The onset of the pandemic has created rapid change in business practices, as companies move from in-person work to offsite locales. Accompanying this change has been a variety of new business ventures, products and services, as enterprising companies and individuals seek ways to bring innovations to the virtual business world.

But in their zeal to bring new products and services to market, are the best practices of the not-so-distant past, when in-person meetings were the norm, being forgotten? This is a good time to remind business deal makers and inventors — especially newer entrepreneurs and start-up companies — to follow a comprehensive check list to protect the ownership of their new products and services prior to disclosing them to a third party.

When business deals are hammered out at in-person meetings, they are typically guided by a detailed agenda, with a series of papers to sign, body language that can be read, and a format that is conducive to conversation, trust building and what-if scenarios centered around the use and ownership of the new product or service.

With these elements largely missing in remote business deals or in the early discussion phases of new opportunities, the situation can be fraught with potential business and financial losses.

Here are just a few of the risks with business deals that are forged solely online through Zoom or other virtual service vendors:

The ability to record and share the online conference, risking the loss of proprietary ideas and confidential information;

The inability to fully know who is on the other end of the online conference, out of sight, perhaps, but viewing and/or listening in on the meeting through a colleague’s access; and

The difficulty of monitoring the number of parties who are receiving information without having signed a non-disclosure agreement.

In industries that are exploding as a direct result of COVID-19, there are numerous ways that propriety innovations can be pirated away.

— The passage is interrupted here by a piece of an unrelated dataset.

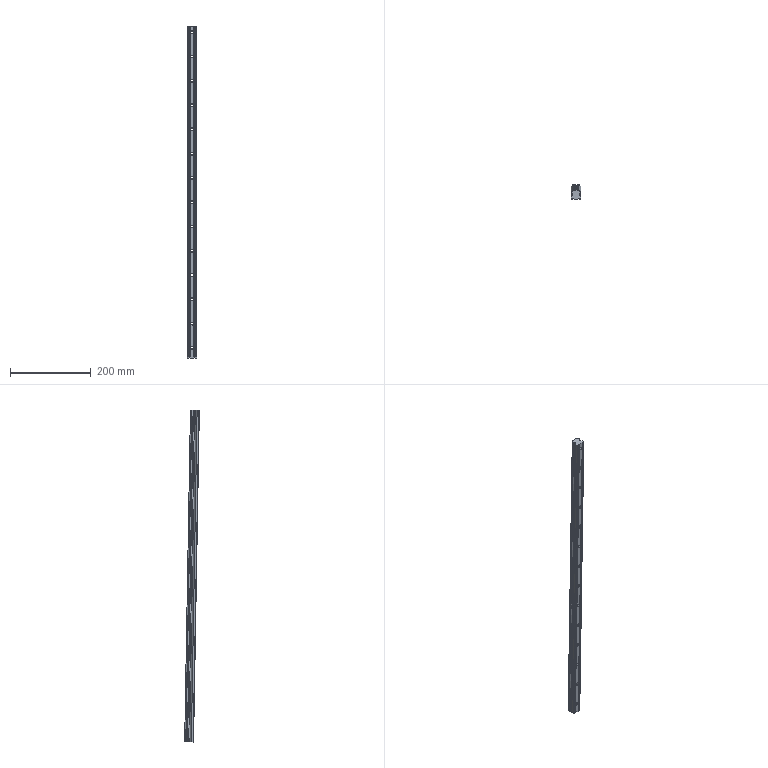Component | SolidWorks | HGH25CAGuideRail(FrontAndRear)-1 | 1 solid | 107 faces | volume 341625 mm3 | cylinder 60 | plane 47 | commonest cylinder face diameters 11 x28 7 x28 4.6 x4

A good example is telehealth. It has been around for years, yet the pandemic has made online access to physicians and healthcare providers an urgent initiative. Companies facilitating these services, whether providing software, electronic medical records, virtual treatment, or another new offering in this space, may find themselves playing catch-up on their IP protection as they race to meet current needs. When a product or service that was not expected to mature for five to 10 years is now seeing record demand, new business risks from competitors can arise quickly.

Best practices for entering into agreements remotely

This is a very good time to introduce a product or service into the virtual business world, as prospective buyers and business partners may be willing to enter into deals more quickly than usual in order to capture a new or growing market segment. Follow these best practices for new business discussions and sealing business deals remotely:

Protect your patent rights for a new product or service prior to disclosing the invention to a third party (e.g., someone interested in purchasing, licensing or financing your product or service). An intellectual property attorney will be able to assess the patent rights of your product or service and may recommend filing a patent application prior to the disclosure. You should consider not only protecting your invention (e.g., so that competitors do not pirate your product or service), but also making sure that you are not infringing any other party’s patent rights. If you skip this step, you risk losing your patent rights in the U.S. and/or foreign countries.

Secure your brand name. You will want to make sure that the name you choose for your product or service is available for use. An intellectual property attorney can conduct a trademark search to: 1) confirm that the name you would like to use for your product or service is not the same or too close to another party’s registered trademark such that there would be infringement concerns; and 2) provide you with an opinion as to the likelihood of success in obtaining a registered trademark to prevent other parties from benefiting from the goodwill of your brand. If you skip this step, you may end up investing time and money into a brand name that you will need to change in the future to avoid costly litigation.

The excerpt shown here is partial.